Para quem está vivendo em 2022 é muito fácil apreender as considerações do autor, tendo em vista os já revelados catastróficos fatos ocasionados pela aliança espúria entre os setores público e privado durante anos, vide casos como o “Mensalão”, o “Petrolão”, e demais esquemas descobertos pelas operações de combate à corrupção. Mas há pouco mais de uma década foi que os escândalos passaram a contar com avaliações e desdobramentos mais precisos. Nesse contexto, Lazzarini, por meio dos dados levantados, desvendou os principais traços da participação do Estado na economia, revelando uma quebra de paradigma, já que imperava a crença comum de que as privatizações teriam tornado o capitalismo e o livre mercado bastante presentes no cenário brasileiro.
Não foi bem assim. Para ilustrar, o autor critica veementemente a forma como foram levadas a cabo as privatizações durante o governo FHC, sempre garantindo meios de interferência do Estado. Isso propiciou as articulações em redes de laços corporativos, mormente porque os governos que se seguiram tiveram como praxe maior intervenção estatal na economia. Em outras palavras, se tornou mais fácil criar reservas de mercado, seja regulamentando, seja mantendo setores monopolizados para melhor viabilizar loteamento de cargos e fazer perpetuar no poder um mesmo espectro político.
Hoje é perceptível que o auto interesse de determinados agentes políticos por muitos anos imperou em nível assustador em detrimento do uso devido das suas prerrogativas com vistas ao interesse público. O povo elege mandatários com poderes que perpassam a atividade executiva, legislativa, fiscalizadora, a nomeação de cargos, só a título de exemplo. São tarefas que impactam diretamente na vida de cada indivíduo da respectiva jurisdição. É preciso responsabilidade na escolha desses representantes. Embora não haja mal algum por si só na proximidade pessoal entre agentes políticos e empresários, tais relações jamais devem resultar em articulações que objetivem vantagens particulares ou partidárias, denotando patrimonialismo.

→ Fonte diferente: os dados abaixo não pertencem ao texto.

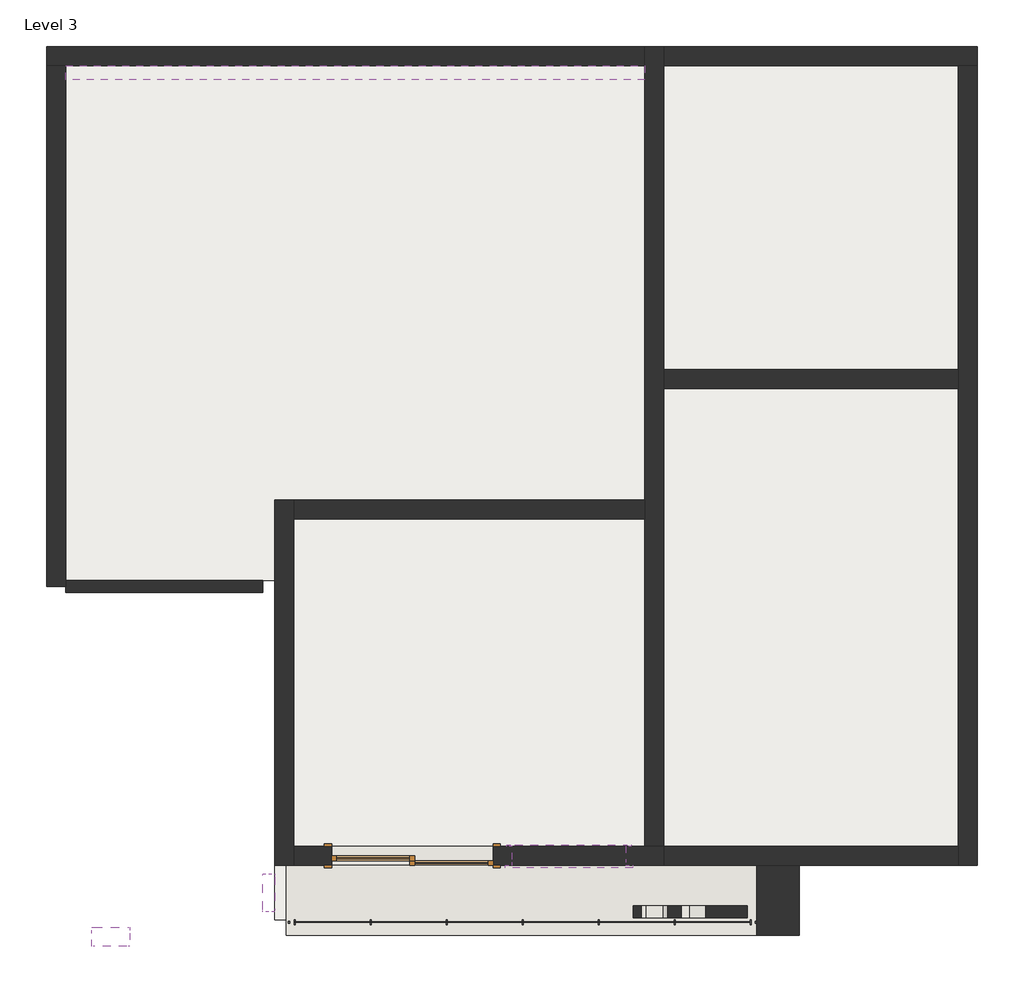
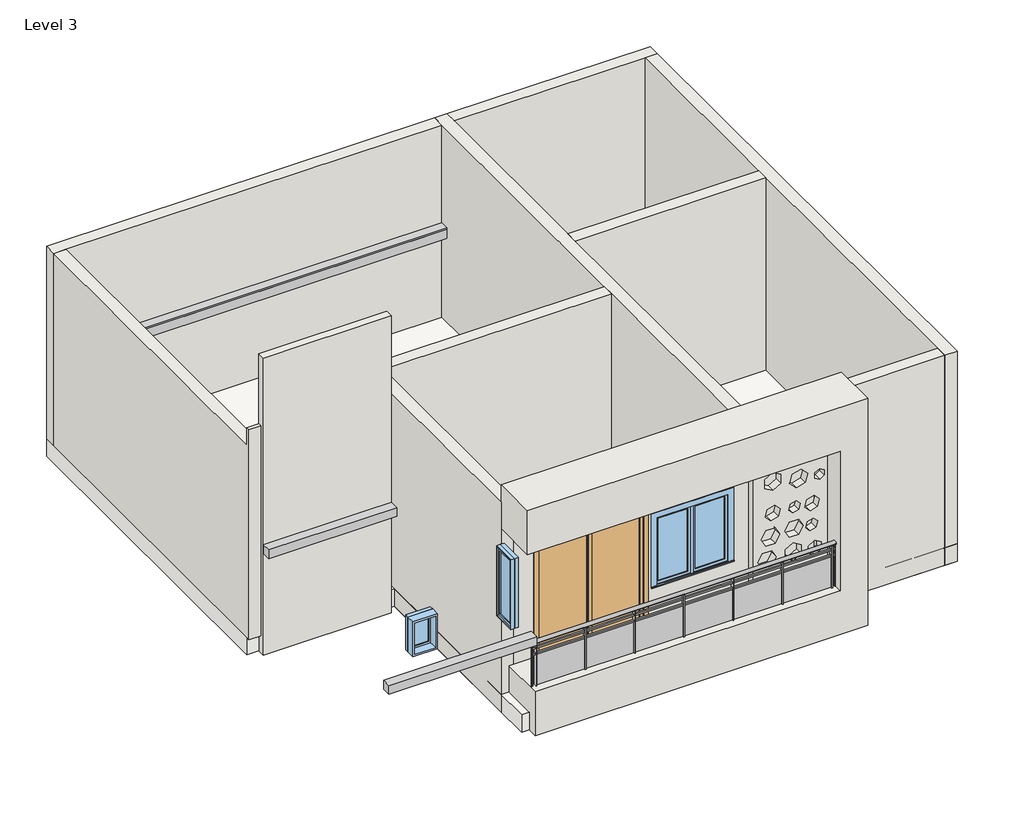
# One storey: 13 walls, 3 windows, 2 proxies, 1 door, 1 railing, 1 roof.
"""IFC4 building model written with IfcOpenShell, lengths in millimetres."""

from ifc_helpers import new_model, si_unit, point, frame, origin, place, context, project, spatial, polyline, ellipse_curve, trimmed, outline, extrude, faceted_brep, transform, mapped, element, save
from ifc_brep_helpers import plane_surface, extruded_surface, advanced_brep
from components import door_076b30e0, walls_1_walls_1_5292a9a1, window_0862ab64, window_085f26e1, window_f83fec05

model = new_model("IFC4")

# Units and contexts
model_context = context("Model", 3, world=origin())
ifc_project = project(units=[si_unit("LENGTHUNIT", "METRE", prefix="MILLI")], contexts=[model_context])

# Site, building, storey
site = spatial("IfcSite", under=ifc_project)
building = spatial("IfcBuilding", under=site)
storey = spatial("IfcBuildingStorey", under=building, Name="Level 3", Elevation=7315.2)

# Proxies
placement = place(None, origin())
element("IfcBuildingElementProxy", 1, Name="Cornice", ObjectType="Cornice", at=placement, inside=storey, context=model_context, shape_type="SweptSolid", body=[
    extrude(outline(polyline([(-5898.9432037, 9807.0548743), (-5898.9432037, 9654.6548743), (-12096.5432037, 9654.6548743), (-12096.5432037, 9807.0548743), (-5898.9432037, 9807.0548743)])), frame((0.0, 0.0, 9093.2), z_axis=(0.0, 0.0, 1.0), x_axis=(1.0, 0.0, 0.0)), (0.0, 0.0, 1.0), 152.4),
    extrude(outline(polyline([(-12299.7432037, 231.2548743), (-12299.7432037, 383.6548743), (-9861.3432037, 383.6548743), (-9861.3432037, 231.2548743), (-12299.7432037, 231.2548743)])), frame((0.0, 0.0, 9093.2), z_axis=(0.0, 0.0, 1.0), x_axis=(1.0, 0.0, 0.0)), (0.0, 0.0, 1.0), 152.4),
    extrude(outline(polyline([(-9988.3432037, 4168.2548743), (-9988.3432037, 4015.8548743), (-12096.5432037, 4015.8548743), (-12096.5432037, 4168.2548743), (-9988.3432037, 4168.2548743)])), frame((0.0, 0.0, 9093.2), z_axis=(0.0, 0.0, 1.0), x_axis=(1.0, 0.0, 0.0)), (0.0, 0.0, 1.0), 152.4),
])
element("IfcBuildingElementProxy", 2, Name="Cornice", ObjectType="Cornice", at=placement, inside=storey, context=model_context, shape_type="SweptSolid", body=[
    extrude(outline(polyline([(-5898.9432037, 9807.0548743), (-5898.9432037, 9654.6548743), (-12096.5432037, 9654.6548743), (-12096.5432037, 9807.0548743), (-5898.9432037, 9807.0548743)])), frame((0.0, 0.0, 9118.6), z_axis=(0.0, 0.0, 1.0), x_axis=(1.0, 0.0, 0.0)), (0.0, 0.0, 1.0), 152.4),
])

# Door
door_shape = door_076b30e0(model_context)
element("IfcDoor", 3, ObjectType="Door-Double-Sliding : 68\" x 80\"", at=placement, inside=storey, context=model_context, shape_type="MappedRepresentation", body=[
    mapped(door_shape, transform((-8388.1432037, 1475.8548743, 7924.8), x_axis=(-1.0, 0.0, 0.0), y_axis=(0.0, -1.0, 0.0), z_axis=(0.0, 0.0, 1.0))),
])

# Railing
element("IfcRailing", 4, ObjectType="Glass Panel - Bottom Fill", at=placement, inside=storey, context=model_context, shape_type="SolidModel", body=[
    advanced_brep(
    [(-9708.9432037, 675.7548743, 8839.2), (-9708.9432037, 599.5548743, 8839.2), (-4705.1432037, 675.7548743, 8839.2), (-4705.1432037, 599.5548743, 8839.2)],
    [
        (0, 1, ellipse_curve(frame((-9708.9432037, 637.6548743, 8839.2), z_axis=(-1.0, 0.0, 0.0), x_axis=(0.0, -1.0, 0.0)), 38.1, 28.575)),
        (1, 0, ellipse_curve(frame((-9708.9432037, 637.6548743, 8839.2), z_axis=(-1.0, 0.0, 0.0), x_axis=(0.0, -1.0, 0.0)), 38.1, 28.575)),
        (2, 3, ellipse_curve(frame((-4705.1432037, 637.6548743, 8839.2), z_axis=(1.0, 0.0, 0.0), x_axis=(0.0, -1.0, 0.0)), 38.1, 28.575)),
        (3, 2, ellipse_curve(frame((-4705.1432037, 637.6548743, 8839.2), z_axis=(1.0, 0.0, 0.0), x_axis=(0.0, -1.0, 0.0)), 38.1, 28.575)),
        (0, 2),
        (3, 1),
    ],
    [
        plane_surface(frame((-9708.9432037, 637.6548743, 8839.2), z_axis=(-1.0, 0.0, 0.0), x_axis=(0.0, 1.0, 0.0))),
        plane_surface(frame((-4705.1432037, 637.6548743, 8839.2), z_axis=(1.0, 0.0, 0.0), x_axis=(0.0, 1.0, 0.0))),
        extruded_surface(trimmed(ellipse_curve(frame((-4705.1432037, 637.6548743, 8839.2), z_axis=(-1.0, 0.0, 0.0), x_axis=(0.0, -1.0, 0.0)), 38.1, 28.575), [point((-4705.1432037, 675.7548743, 8839.2))], [point((-4705.1432037, 599.5548743, 8839.2))], True, "CARTESIAN"), (-5003.8, 0.0, 0.0), 5003.8),
        extruded_surface(trimmed(ellipse_curve(frame((-4705.1432037, 637.6548743, 8839.2), z_axis=(-1.0, 0.0, 0.0), x_axis=(0.0, -1.0, 0.0)), 38.1, 28.575), [point((-4705.1432037, 599.5548743, 8839.2))], [point((-4705.1432037, 675.7548743, 8839.2))], True, "CARTESIAN"), (-5003.8, 0.0, 0.0), 5003.8),
    ],
    [
        (0, [[1, 2]]),
        (1, [[3, 4]]),
        (2, [[-1, 5, -4, 6]]),
        (3, [[-2, -6, -3, -5]]),
    ],
),
    extrude(outline(polyline([(-9708.9432037, 624.9548743), (-9708.9432037, 650.3548743), (-4705.1432037, 650.3548743), (-4705.1432037, 624.9548743), (-9708.9432037, 624.9548743)])), frame((0.0, 0.0, 8724.9), z_axis=(0.0, 0.0, 1.0), x_axis=(1.0, 0.0, 0.0)), (0.0, 0.0, 1.0), 25.4),
    extrude(outline(polyline([(-9708.9432037, 624.9548743), (-9708.9432037, 650.3548743), (-4705.1432037, 650.3548743), (-4705.1432037, 624.9548743), (-9708.9432037, 624.9548743)])), frame((0.0, 0.0, 8623.3), z_axis=(0.0, 0.0, 1.0), x_axis=(1.0, 0.0, 0.0)), (0.0, 0.0, 1.0), 25.4),
    extrude(outline(polyline([(-4774.9932037, 612.2548743), (-4774.9932037, 663.0548743), (-4762.2932037, 663.0548743), (-4762.2932037, 612.2548743), (-4774.9932037, 612.2548743)])), frame((0.0, 0.0, 7924.8), z_axis=(0.0, 0.0, 1.0), x_axis=(1.0, 0.0, 0.0)), (0.0, 0.0, 1.0), 885.6788223),
    extrude(outline(polyline([(-5581.4432037, 644.1900313), (-4768.6432037, 644.1900313), (-4768.6432037, 637.8400313), (-5581.4432037, 637.8400313), (-5581.4432037, 644.1900313)])), frame((0.0, 0.0, 8026.4), z_axis=(0.0, 0.0, 1.0), x_axis=(1.0, 0.0, 0.0)), (0.0, 0.0, 1.0), 596.9),
    extrude(outline(polyline([(-5587.7932037, 612.2548743), (-5587.7932037, 663.0548743), (-5575.0932037, 663.0548743), (-5575.0932037, 612.2548743), (-5587.7932037, 612.2548743)])), frame((0.0, 0.0, 7924.8), z_axis=(0.0, 0.0, 1.0), x_axis=(1.0, 0.0, 0.0)), (0.0, 0.0, 1.0), 885.6788223),
    extrude(outline(polyline([(-6394.2432037, 644.1900313), (-5581.4432037, 644.1900313), (-5581.4432037, 637.8400313), (-6394.2432037, 637.8400313), (-6394.2432037, 644.1900313)])), frame((0.0, 0.0, 8026.4), z_axis=(0.0, 0.0, 1.0), x_axis=(1.0, 0.0, 0.0)), (0.0, 0.0, 1.0), 596.9),
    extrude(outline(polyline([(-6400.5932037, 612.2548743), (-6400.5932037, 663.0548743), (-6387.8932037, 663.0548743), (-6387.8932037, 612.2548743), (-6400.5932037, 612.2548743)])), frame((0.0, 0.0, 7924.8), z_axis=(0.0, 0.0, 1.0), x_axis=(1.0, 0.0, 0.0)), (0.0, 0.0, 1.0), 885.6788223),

Nesse interim, a Escola da Escolha Pública traz em seu bojo várias ferramentas de compreensão das relações governamentais, de modo a serem essas vislumbradas de maneira menos romantizada e mais realista. Partindo dela, é comum a pergunta: o que ou quem ganha ou perde com determinada ação? Bom, Lazzarini deixa claro desde o início da obra em tela as coincidências – ou o “mundo pequeno” – observadas em fatos que marcaram a escolha do Rio de Janeiro como sede das Olimpíadas no Brasil em 2016, por exemplo.
Em tal exemplificação, o autor traz a conjuntura da Vale, privatizada na década de 90, mas que continuou tendo o Estado como um dos maiores acionistas. Durante os anos que sucederam, o empresário Eike Batista tentava o controle da mesma, enquanto doava recursos para a campanha eleitoral de Lula e para o seu filme, e simultaneamente tomava empréstimos do BNDES – também membro controlador da empresa – de maneira que não eram poucos os “pitacos” no que concernia a nomes para o cargo de presidência da Companhia, em clara situação de interferência política.
Assim, “esse emaranhado de contatos, alianças e estratégias de apoio gravitando em torno de interesses políticos e econômicos” (LAZZARINI, 2010, p. 03) compreende o que o autor chama de “capitalismo de laços”. Não significa que tais laços são duradouros, como os de outras naturezas costumam ser, mas sim valiosos para alcançar o fim econômico almejado em completa negação da moralidade.
Do mesmo modo como Lazzarini, Garschagen discorreu, porém com enfoque na ótica histórica, sobre as vastas consequências do agigantamento aqui desenhado, que vão do empobrecimento que a onipresença do Estado em todas as áreas da vida coletiva implica até chegarmos à corrupção endêmica que, sem surpresas, sazonalmente catapulta o nome do Brasil para as primeiras páginas da imprensa internacional (GARSCHAGEN, 2015, p. 11).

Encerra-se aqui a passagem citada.